Undersea, or submarine, landslides are common features on steep continental margins and the sides of oceanic islands around the world. Submarine slope failure is a natural hazard process that dramatically shapes the seafloor environment and transfers large quantities of sediment from the shelf into the deep basins. They can be triggered by different mechanisms and are important to study due to their ability to generate large and catastrophic tsunamis.
Viper Slide, so named because of its proximity to Viper Reef, represents a collapse of the shelf edge 7 km long with debris up to 5 km spreading down the upper slope.
In 2007, while on an expedition on the RV Southern Surveyor, we first discovered and mapped a series of underwater landslides along the Great Barrier Reef margin. Some of these landslides surprisingly occurred right at the continental shelf edge, in about 90 m water depth about where sealevel was positioned near the last ice age. TheSmaller shelf edge and upper slope slides were found clustered around the central Great Barrier Reef area, likely related to the oversteepening (steeper gradients) of the upper slope due to the shelf-edge delta developed by the paleo-Burdekin River. Other small slides were found in deeper waters at the base of the continental slope in depths of about 800 m or more where submarine canyons incising into the slope had caused collapses.
Gloria Knolls slide lies offshore of Cairns and lies in depths 300 to 1000 m. About 20 km downslope are eight knolls, 10s to several 100 m high, that are the remains of the debris from this slide. Also in the central GBR, the Bowl Slide, named due to its proximity to Bowl Reef, is another huge slide stretching from 200 to 900 m.

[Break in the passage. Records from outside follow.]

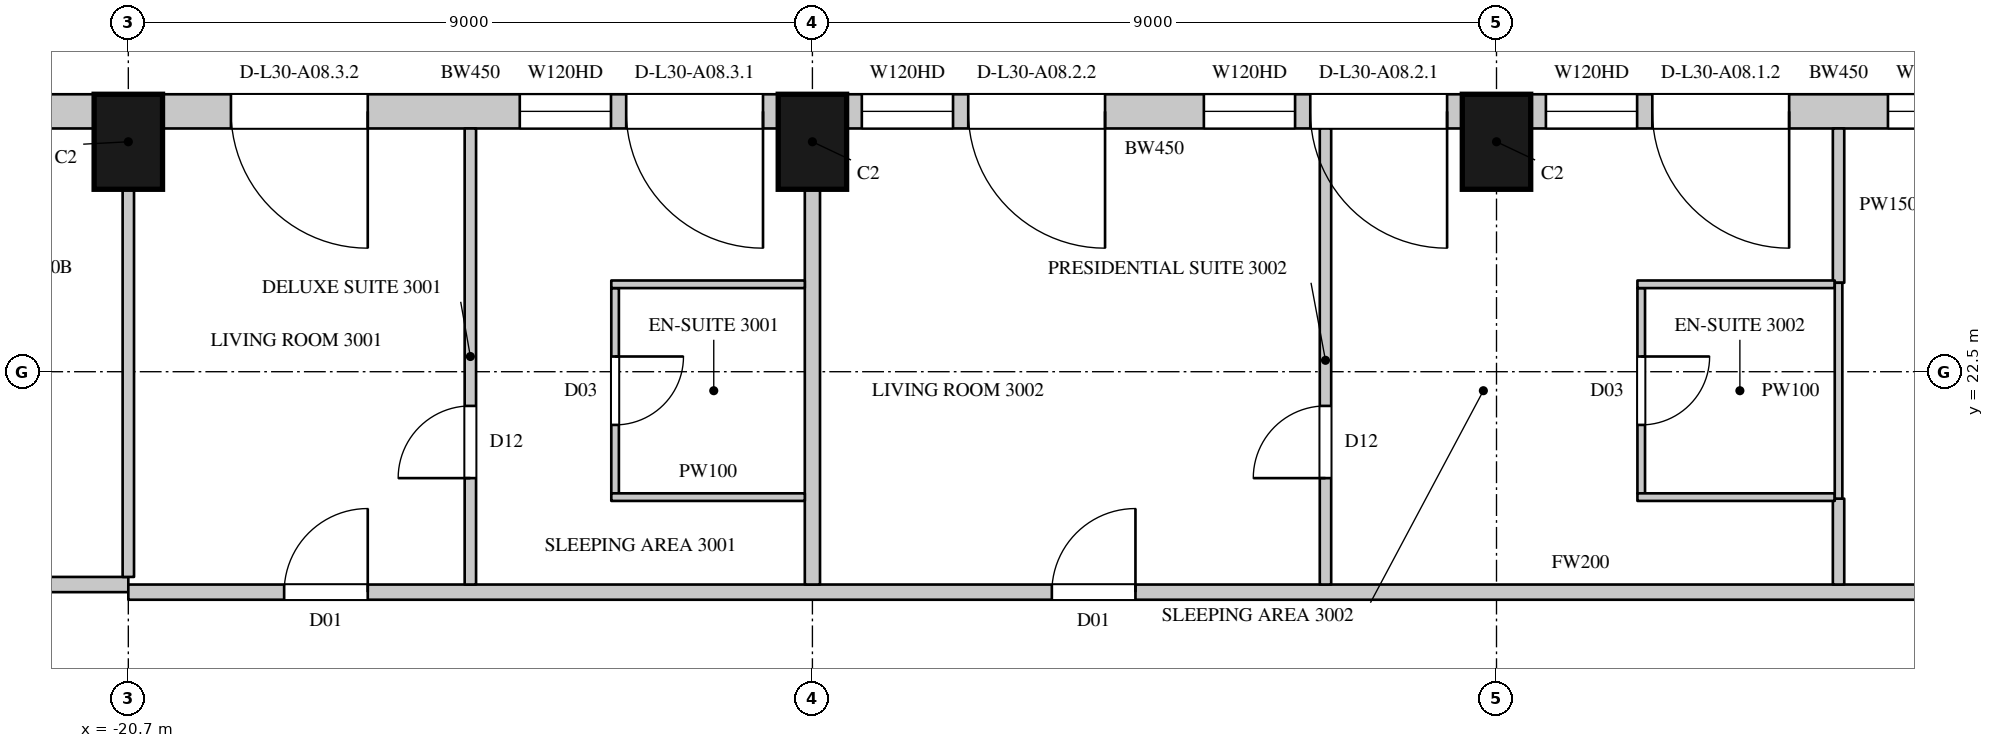
"""IFC4 building model, lengths in metres.
Left out: names, types, materials, properties, quantities, classifications, styles, units other than length and angle.
Written with IfcOpenShell. Run it as: python <this file> out.ifc"""

import sys

from ifc_helpers import new_model, si_unit, direction, frame, frame_2d, origin, origin_2d, place, context, subcontext, project, spatial, rectangle, extrude, element, fill, save


model = new_model("IFC4")
c1 = context("Model", 3, precision=1e-05, world=origin(), true_north=direction((0.0, 1.0)))
c2 = subcontext(c1, "Body", "Model", "MODEL_VIEW")
j1 = project(units=[si_unit("LENGTHUNIT", "METRE"), si_unit("PLANEANGLEUNIT", "RADIAN")], contexts=[c1])
p1 = place(None, origin())
s1 = spatial("IfcSite", under=j1, at=p1, CompositionType="ELEMENT")
p2 = place(p1, origin())
s2 = spatial("IfcBuilding", under=s1, at=p2, CompositionType="ELEMENT")
p3 = place(p2, frame((0.0, 0.0, 138.3)))
s3 = spatial("IfcBuildingStorey", under=s2, at=p3, CompositionType="ELEMENT", Elevation=138.3)
for number, where, z_axis, x_axis in (
    (1, (-2.7, 25.525, 0.0), (0.0, 0.0, 1.0), (-1.0, 0.0, 0.0)),
    (2, (-11.7, 25.525, 0.0), (0.0, 0.0, 1.0), (-1.0, 0.0, 0.0)),
    (3, (-20.7, 25.525, 0.0), (0.0, 0.0, 1.0), (-1.0, 0.0, 0.0)),
):
    element("IfcColumn", number, at=place(p3, frame(where, z_axis=z_axis, x_axis=x_axis)), inside=s3, PredefinedType="COLUMN", context=c2, shape_type="SweptSolid", body=[
        extrude(rectangle(XDim=0.9, YDim=1.25, at=origin_2d()), origin(), (0.0, 0.0, 1.0), 3.6),
    ])
p4 = place(p3, frame((5.85, 25.925, 0.0), z_axis=(0.0, 0.0, 1.0), x_axis=(-1.0, 0.0, 0.0)))
e4 = element("IfcWall", 4, at=p4, inside=s3, PredefinedType="SOLIDWALL", context=c2, shape_type="SweptSolid", body=[
    extrude(rectangle(XDim=8.1, YDim=0.45, at=frame_2d((4.05, 0.0))), origin(), (0.0, 0.0, 1.0), 3.3),
])
p5 = place(p4, frame((0.2, 0.0, 0.0)))
e5 = element("IfcOpeningElement", 5, at=p5, cuts=e4, PredefinedType="OPENING", context=c2, shape_type="SweptSolid", body=[
    extrude(rectangle(XDim=1.8, YDim=2.4, at=frame_2d((0.9, 1.2))), frame((0.0, 0.235, 0.0), z_axis=(0.0, -1.0, 0.0), x_axis=(1.0, 0.0, 0.0)), (0.0, 0.0, 1.0), 0.47),
])
p6 = place(p4, frame((2.2, 0.0, 1.05)))
e6 = element("IfcOpeningElement", 6, at=p6, cuts=e4, PredefinedType="OPENING", context=c2, shape_type="SweptSolid", body=[
    extrude(rectangle(XDim=1.2, YDim=2.0, at=frame_2d((0.6, 1.0))), frame((0.0, 0.235, 0.0), z_axis=(0.0, -1.0, 0.0), x_axis=(1.0, 0.0, 0.0)), (0.0, 0.0, 1.0), 0.47),
])
p7 = place(p4, frame((4.7, 0.0, 0.0)))
e7 = element("IfcOpeningElement", 7, at=p7, cuts=e4, PredefinedType="OPENING", context=c2, shape_type="SweptSolid", body=[
    extrude(rectangle(XDim=1.8, YDim=2.4, at=frame_2d((0.9, 1.2))), frame((0.0, 0.235, 0.0), z_axis=(0.0, -1.0, 0.0), x_axis=(1.0, 0.0, 0.0)), (0.0, 0.0, 1.0), 0.47),
])
p8 = place(p4, frame((6.7, 0.0, 1.05)))
e8 = element("IfcOpeningElement", 8, at=p8, cuts=e4, PredefinedType="OPENING", context=c2, shape_type="SweptSolid", body=[
    extrude(rectangle(XDim=1.2, YDim=2.0, at=frame_2d((0.6, 1.0))), frame((0.0, 0.235, 0.0), z_axis=(0.0, -1.0, 0.0), x_axis=(1.0, 0.0, 0.0)), (0.0, 0.0, 1.0), 0.47),
])
p9 = place(p3, frame((-3.15, 25.925, 0.0), z_axis=(0.0, 0.0, 1.0), x_axis=(-1.0, 0.0, 0.0)))
e9 = element("IfcWall", 9, at=p9, inside=s3, PredefinedType="SOLIDWALL", context=c2, shape_type="SweptSolid", body=[
    extrude(rectangle(XDim=8.1, YDim=0.45, at=frame_2d((4.05, 0.0))), origin(), (0.0, 0.0, 1.0), 3.3),
])
p10 = place(p9, frame((0.2, 0.0, 0.0)))
e10 = element("IfcOpeningElement", 10, at=p10, cuts=e9, PredefinedType="OPENING", context=c2, shape_type="SweptSolid", body=[
    extrude(rectangle(XDim=1.8, YDim=2.4, at=frame_2d((0.9, 1.2))), frame((0.0, 0.235, 0.0), z_axis=(0.0, -1.0, 0.0), x_axis=(1.0, 0.0, 0.0)), (0.0, 0.0, 1.0), 0.47),
])
p11 = place(p9, frame((2.2, 0.0, 1.05)))
e11 = element("IfcOpeningElement", 11, at=p11, cuts=e9, PredefinedType="OPENING", context=c2, shape_type="SweptSolid", body=[
    extrude(rectangle(XDim=1.2, YDim=2.0, at=frame_2d((0.6, 1.0))), frame((0.0, 0.235, 0.0), z_axis=(0.0, -1.0, 0.0), x_axis=(1.0, 0.0, 0.0)), (0.0, 0.0, 1.0), 0.47),
])
p12 = place(p9, frame((4.7, 0.0, 0.0)))
e12 = element("IfcOpeningElement", 12, at=p12, cuts=e9, PredefinedType="OPENING", context=c2, shape_type="SweptSolid", body=[
    extrude(rectangle(XDim=1.8, YDim=2.4, at=frame_2d((0.9, 1.2))), frame((0.0, 0.235, 0.0), z_axis=(0.0, -1.0, 0.0), x_axis=(1.0, 0.0, 0.0)), (0.0, 0.0, 1.0), 0.47),
])
p13 = place(p9, frame((6.7, 0.0, 1.05)))
e13 = element("IfcOpeningElement", 13, at=p13, cuts=e9, PredefinedType="OPENING", context=c2, shape_type="SweptSolid", body=[
    extrude(rectangle(XDim=1.2, YDim=2.0, at=frame_2d((0.6, 1.0))), frame((0.0, 0.235, 0.0), z_axis=(0.0, -1.0, 0.0), x_axis=(1.0, 0.0, 0.0)), (0.0, 0.0, 1.0), 0.47),
])
p14 = place(p3, frame((-12.15, 25.925, 0.0), z_axis=(0.0, 0.0, 1.0), x_axis=(-1.0, 0.0, 0.0)))
e14 = element("IfcWall", 14, at=p14, inside=s3, PredefinedType="SOLIDWALL", context=c2, shape_type="SweptSolid", body=[
    extrude(rectangle(XDim=8.1, YDim=0.45, at=frame_2d((4.05, 0.0))), origin(), (0.0, 0.0, 1.0), 3.3),
])
p15 = place(p14, frame((0.2, 0.0, 0.0)))
e15 = element("IfcOpeningElement", 15, at=p15, cuts=e14, PredefinedType="OPENING", context=c2, shape_type="SweptSolid", body=[
    extrude(rectangle(XDim=1.8, YDim=2.4, at=frame_2d((0.9, 1.2))), frame((0.0, 0.235, 0.0), z_axis=(0.0, -1.0, 0.0), x_axis=(1.0, 0.0, 0.0)), (0.0, 0.0, 1.0), 0.47),
])
p16 = place(p14, frame((2.2, 0.0, 1.05)))
e16 = element("IfcOpeningElement", 16, at=p16, cuts=e14, PredefinedType="OPENING", context=c2, shape_type="SweptSolid", body=[
    extrude(rectangle(XDim=1.2, YDim=2.0, at=frame_2d((0.6, 1.0))), frame((0.0, 0.235, 0.0), z_axis=(0.0, -1.0, 0.0), x_axis=(1.0, 0.0, 0.0)), (0.0, 0.0, 1.0), 0.47),
])
p17 = place(p14, frame((5.4, 0.0, 0.0)))
e17 = element("IfcOpeningElement", 17, at=p17, cuts=e14, PredefinedType="OPENING", context=c2, shape_type="SweptSolid", body=[
    extrude(rectangle(XDim=1.8, YDim=2.4, at=frame_2d((0.9, 1.2))), frame((0.0, 0.235, 0.0), z_axis=(0.0, -1.0, 0.0), x_axis=(1.0, 0.0, 0.0)), (0.0, 0.0, 1.0), 0.47),
])
p18 = place(p3, frame((-21.15, 25.925, 0.0), z_axis=(0.0, 0.0, 1.0), x_axis=(-1.0, 0.0, 0.0)))
e18 = element("IfcWall", 18, at=p18, inside=s3, PredefinedType="SOLIDWALL", context=c2, shape_type="SweptSolid", body=[
    extrude(rectangle(XDim=2.914, YDim=0.45, at=frame_2d((1.457, 0.0))), origin(), (0.0, 0.0, 1.0), 3.3),
])
p19 = place(p3, frame((-23.752, 19.7, 0.0), z_axis=(0.0, 0.0, 1.0), x_axis=(1.0, 0.0, 0.0)))
e19 = element("IfcWall", 19, at=p19, inside=s3, PredefinedType="PARTITIONING", context=c2, shape_type="SweptSolid", body=[
    extrude(rectangle(XDim=3.052, YDim=0.2, at=frame_2d((1.526, 0.0))), origin(), (0.0, 0.0, 1.0), 3.3),
])
p20 = place(p19, frame((0.85, 0.0, 0.0)))
e20 = element("IfcOpeningElement", 20, at=p20, cuts=e19, PredefinedType="OPENING", context=c2, shape_type="SweptSolid", body=[
    extrude(rectangle(XDim=0.9, YDim=2.2, at=frame_2d((0.45, 1.1))), frame((0.0, 0.11, 0.0), z_axis=(0.0, -1.0, 0.0), x_axis=(1.0, 0.0, 0.0)), (0.0, 0.0, 1.0), 0.22),
])
p21 = place(p3, frame((-20.7, 19.6, 0.0), z_axis=(0.0, 0.0, 1.0), x_axis=(1.0, 0.0, 0.0)))
e21 = element("IfcWall", 21, at=p21, inside=s3, PredefinedType="PARTITIONING", context=c2, shape_type="SweptSolid", body=[
    extrude(rectangle(XDim=38.214, YDim=0.2, at=frame_2d((19.107, 0.0))), origin(), (0.0, 0.0, 1.0), 3.3),
])
p22 = place(p21, frame((23.95, 0.0, 0.0)))
e22 = element("IfcOpeningElement", 22, at=p22, cuts=e21, PredefinedType="OPENING", context=c2, shape_type="SweptSolid", body=[
    extrude(rectangle(XDim=0.9, YDim=2.2, at=frame_2d((0.45, 1.1))), frame((0.0, 0.11, 0.0), z_axis=(0.0, -1.0, 0.0), x_axis=(1.0, 0.0, 0.0)), (0.0, 0.0, 1.0), 0.22),
])
p23 = place(p21, frame((2.05, 0.0, 0.0)))
e23 = element("IfcOpeningElement", 23, at=p23, cuts=e21, PredefinedType="OPENING", context=c2, shape_type="SweptSolid", body=[
    extrude(rectangle(XDim=1.1, YDim=2.4, at=frame_2d((0.55, 1.2))), frame((0.0, 0.11, 0.0), z_axis=(0.0, -1.0, 0.0), x_axis=(1.0, 0.0, 0.0)), (0.0, 0.0, 1.0), 0.22),
])
p24 = place(p21, frame((12.15, 0.0, 0.0)))
e24 = element("IfcOpeningElement", 24, at=p24, cuts=e21, PredefinedType="OPENING", context=c2, shape_type="SweptSolid", body=[
    extrude(rectangle(XDim=1.1, YDim=2.4, at=frame_2d((0.55, 1.2))), frame((0.0, 0.11, 0.0), z_axis=(0.0, -1.0, 0.0), x_axis=(1.0, 0.0, 0.0)), (0.0, 0.0, 1.0), 0.22),
])
p25 = place(p21, frame((30.2, 0.0, 0.0)))
e25 = element("IfcOpeningElement", 25, at=p25, cuts=e21, PredefinedType="OPENING", context=c2, shape_type="SweptSolid", body=[
    extrude(rectangle(XDim=0.95, YDim=2.2, at=frame_2d((0.475, 1.1))), frame((0.0, 0.11, 0.0), z_axis=(0.0, -1.0, 0.0), x_axis=(1.0, 0.0, 0.0)), (0.0, 0.0, 1.0), 0.22),
])
p26 = place(p21, frame((36.95, 0.0, 0.0)))
e26 = element("IfcOpeningElement", 26, at=p26, cuts=e21, PredefinedType="OPENING", context=c2, shape_type="SweptSolid", body=[
    extrude(rectangle(XDim=0.95, YDim=2.2, at=frame_2d((0.475, 1.1))), frame((0.0, 0.11, 0.0), z_axis=(0.0, -1.0, 0.0), x_axis=(1.0, 0.0, 0.0)), (0.0, 0.0, 1.0), 0.22),
])
p27 = place(p3, frame((-20.7, 19.8, 0.0), z_axis=(0.0, 0.0, 1.0), x_axis=(0.0, 1.0, 0.0)))
e27 = element("IfcWall", 27, at=p27, inside=s3, PredefinedType="PARTITIONING", context=c2, shape_type="SweptSolid", body=[
    extrude(rectangle(XDim=5.1, YDim=0.15, at=frame_2d((2.55, 0.0))), origin(), (0.0, 0.0, 1.0), 2.75),
])
p28 = place(p3, frame((-16.2, 19.7, 0.0), z_axis=(0.0, 0.0, 1.0), x_axis=(0.0, 1.0, 0.0)))
e28 = element("IfcWall", 28, at=p28, inside=s3, PredefinedType="PARTITIONING", context=c2, shape_type="SweptSolid", body=[
    extrude(rectangle(XDim=6.0, YDim=0.15, at=frame_2d((3.0, 0.0))), origin(), (0.0, 0.0, 1.0), 2.65),
])
p29 = place(p28, frame((1.4, 0.0, 0.0)))
e29 = element("IfcOpeningElement", 29, at=p29, cuts=e28, PredefinedType="OPENING", context=c2, shape_type="SweptSolid", body=[
    extrude(rectangle(XDim=0.95, YDim=2.2, at=frame_2d((0.475, 1.1))), frame((0.0, 0.085, 0.0), z_axis=(0.0, -1.0, 0.0), x_axis=(1.0, 0.0, 0.0)), (0.0, 0.0, 1.0), 0.17),
])
p30 = place(p3, frame((-4.95, 19.7, 0.0), z_axis=(0.0, 0.0, 1.0), x_axis=(0.0, 1.0, 0.0)))
e30 = element("IfcWall", 30, at=p30, inside=s3, PredefinedType="PARTITIONING", context=c2, shape_type="SweptSolid", body=[
    extrude(rectangle(XDim=6.0, YDim=0.15, at=frame_2d((3.0, 0.0))), origin(), (0.0, 0.0, 1.0), 3.3),
])
p31 = place(p30, frame((1.4, 0.0, 0.0)))
e31 = element("IfcOpeningElement", 31, at=p31, cuts=e30, PredefinedType="OPENING", context=c2, shape_type="SweptSolid", body=[
    extrude(rectangle(XDim=0.95, YDim=2.2, at=frame_2d((0.475, 1.1))), frame((0.0, 0.085, 0.0), z_axis=(0.0, -1.0, 0.0), x_axis=(1.0, 0.0, 0.0)), (0.0, 0.0, 1.0), 0.17),
])
p32 = place(p3, frame((1.8, 19.7, 0.0), z_axis=(0.0, 0.0, 1.0), x_axis=(0.0, 1.0, 0.0)))
e32 = element("IfcWall", 32, at=p32, inside=s3, PredefinedType="PARTITIONING", context=c2, shape_type="SweptSolid", body=[
    extrude(rectangle(XDim=1.13, YDim=0.15, at=frame_2d((0.565, 0.0))), origin(), (0.0, 0.0, 1.0), 2.65),
])
p33 = place(p3, frame((1.8, 23.67, 0.0), z_axis=(0.0, 0.0, 1.0), x_axis=(0.0, 1.0, 0.0)))
e33 = element("IfcWall", 33, at=p33, inside=s3, PredefinedType="PARTITIONING", context=c2, shape_type="SweptSolid", body=[
    extrude(rectangle(XDim=2.03, YDim=0.15, at=frame_2d((1.015, 0.0))), origin(), (0.0, 0.0, 1.0), 2.65),
])
p34 = place(p3, frame((-11.7, 19.7, 0.0), z_axis=(0.0, 0.0, 1.0), x_axis=(0.0, 1.0, 0.0)))
e34 = element("IfcWall", 34, at=p34, inside=s3, PredefinedType="PARTITIONING", context=c2, shape_type="SweptSolid", body=[
    extrude(rectangle(XDim=5.2, YDim=0.2, at=frame_2d((2.6, 0.0))), origin(), (0.0, 0.0, 1.0), 2.75),
])
p35 = place(p3, frame((-14.296, 20.9, 0.0), z_axis=(0.0, 0.0, 1.0), x_axis=(0.0, 1.0, 0.0)))
e35 = element("IfcWall", 35, at=p35, inside=s3, PredefinedType="PARTITIONING", context=c2, shape_type="SweptSolid", body=[
    extrude(rectangle(XDim=2.7, YDim=0.1, at=frame_2d((1.35, 0.0))), origin(), (0.0, 0.0, 1.0), 3.3),
])
p36 = place(p35, frame((0.9, 0.0, 0.0)))
e36 = element("IfcOpeningElement", 36, at=p36, cuts=e35, PredefinedType="OPENING", context=c2, shape_type="SweptSolid", body=[
    extrude(rectangle(XDim=0.9, YDim=2.2, at=frame_2d((0.45, 1.1))), frame((0.0, 0.06, 0.0), z_axis=(0.0, -1.0, 0.0), x_axis=(1.0, 0.0, 0.0)), (0.0, 0.0, 1.0), 0.12),
])
for number, where, z_axis, x_axis in (
    (37, (-14.346, 20.85, 0.0), (0.0, 0.0, 1.0), (1.0, 0.0, 0.0)),
    (38, (-14.346, 23.65, 0.0), (0.0, 0.0, 1.0), (1.0, 0.0, 0.0)),
):
    element("IfcWall", number, at=place(p3, frame(where, z_axis=z_axis, x_axis=x_axis)), inside=s3, PredefinedType="PARTITIONING", context=c2, shape_type="SweptSolid", body=[
        extrude(rectangle(XDim=2.546, YDim=0.1, at=frame_2d((1.273, 0.0))), origin(), (0.0, 0.0, 1.0), 3.3),
    ])
p37 = place(p3, frame((-0.796, 20.9, 0.0), z_axis=(0.0, 0.0, 1.0), x_axis=(0.0, 1.0, 0.0)))
e39 = element("IfcWall", 39, at=p37, inside=s3, PredefinedType="PARTITIONING", context=c2, shape_type="SweptSolid", body=[
    extrude(rectangle(XDim=2.7, YDim=0.1, at=frame_2d((1.35, 0.0))), origin(), (0.0, 0.0, 1.0), 3.3),
])
p38 = place(p37, frame((0.9, 0.0, 0.0)))
e40 = element("IfcOpeningElement", 40, at=p38, cuts=e39, PredefinedType="OPENING", context=c2, shape_type="SweptSolid", body=[
    extrude(rectangle(XDim=0.9, YDim=2.2, at=frame_2d((0.45, 1.1))), frame((0.0, 0.06, 0.0), z_axis=(0.0, -1.0, 0.0), x_axis=(1.0, 0.0, 0.0)), (0.0, 0.0, 1.0), 0.12),
])
for number, where, z_axis, x_axis in (
    (41, (-0.846, 20.85, 0.0), (0.0, 0.0, 1.0), (1.0, 0.0, 0.0)),
    (42, (-0.846, 23.65, 0.0), (0.0, 0.0, 1.0), (1.0, 0.0, 0.0)),
):
    element("IfcWall", number, at=place(p3, frame(where, z_axis=z_axis, x_axis=x_axis)), inside=s3, PredefinedType="PARTITIONING", context=c2, shape_type="SweptSolid", body=[
        extrude(rectangle(XDim=2.596, YDim=0.1, at=frame_2d((1.298, 0.0))), origin(), (0.0, 0.0, 1.0), 3.3),
    ])
p39 = place(p3, frame((1.8, 20.83, 0.0), z_axis=(0.0, 0.0, 1.0), x_axis=(0.0, 1.0, 0.0)))
e43 = element("IfcWall", 43, at=p39, inside=s3, PredefinedType="PARTITIONING", context=c2, shape_type="SweptSolid", body=[
    extrude(rectangle(XDim=2.84, YDim=0.1, at=frame_2d((1.42, 0.0))), origin(), (0.0, 0.0, 1.0), 2.65),
])
p40 = place(p6, origin())
e44 = element("IfcWindow", 44, at=p40, inside=s3, PartitioningType="SINGLE_PANEL", PredefinedType="WINDOW", context=c2, shape_type="SweptSolid", body=[
    extrude(rectangle(XDim=1.2, YDim=2.0, at=frame_2d((0.6, 1.0))), frame((0.0, 0.135, 0.0), z_axis=(0.0, -1.0, 0.0), x_axis=(1.0, 0.0, 0.0)), (0.0, 0.0, 1.0), 0.06),
])
fill(e6, e44)
p41 = place(p7, origin())
e45 = element("IfcDoor", 45, at=p41, inside=s3, OperationType="SLIDING_TO_LEFT", PredefinedType="DOOR", context=c2, shape_type="SweptSolid", body=[
    extrude(rectangle(XDim=1.8, YDim=2.4, at=frame_2d((0.9, 1.2))), frame((0.0, 0.13, 0.0), z_axis=(0.0, -1.0, 0.0), x_axis=(1.0, 0.0, 0.0)), (0.0, 0.0, 1.0), 0.05),
])
fill(e7, e45)
p42 = place(p8, origin())
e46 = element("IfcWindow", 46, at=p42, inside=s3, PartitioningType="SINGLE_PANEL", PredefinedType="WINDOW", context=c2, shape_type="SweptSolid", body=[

Two huge landslide scarps, up to 20 km long, were found that stretch the full height of the continental slope. TheThe Noggin Block in 340 to 470 m, named due to its closeness to Noggin Passage off Cairns, was identified as section of the upper slope about 0.86 km3 that could potentially collapse due to the undercutting of submarine canyons around the edges of the block, leaving it with small pockmarks indicating weakening of the steep headscarps.
These landslide features point to a north-eastern Australian margin that has been greatly influenced by erosion which shapes the seafloor environment in these deeper waters. Research is continuing to how these geological processes have influenced the growth of the Great Barrier Reef, the ages of these dramatic events, and any potential tsunami impact from these landslides.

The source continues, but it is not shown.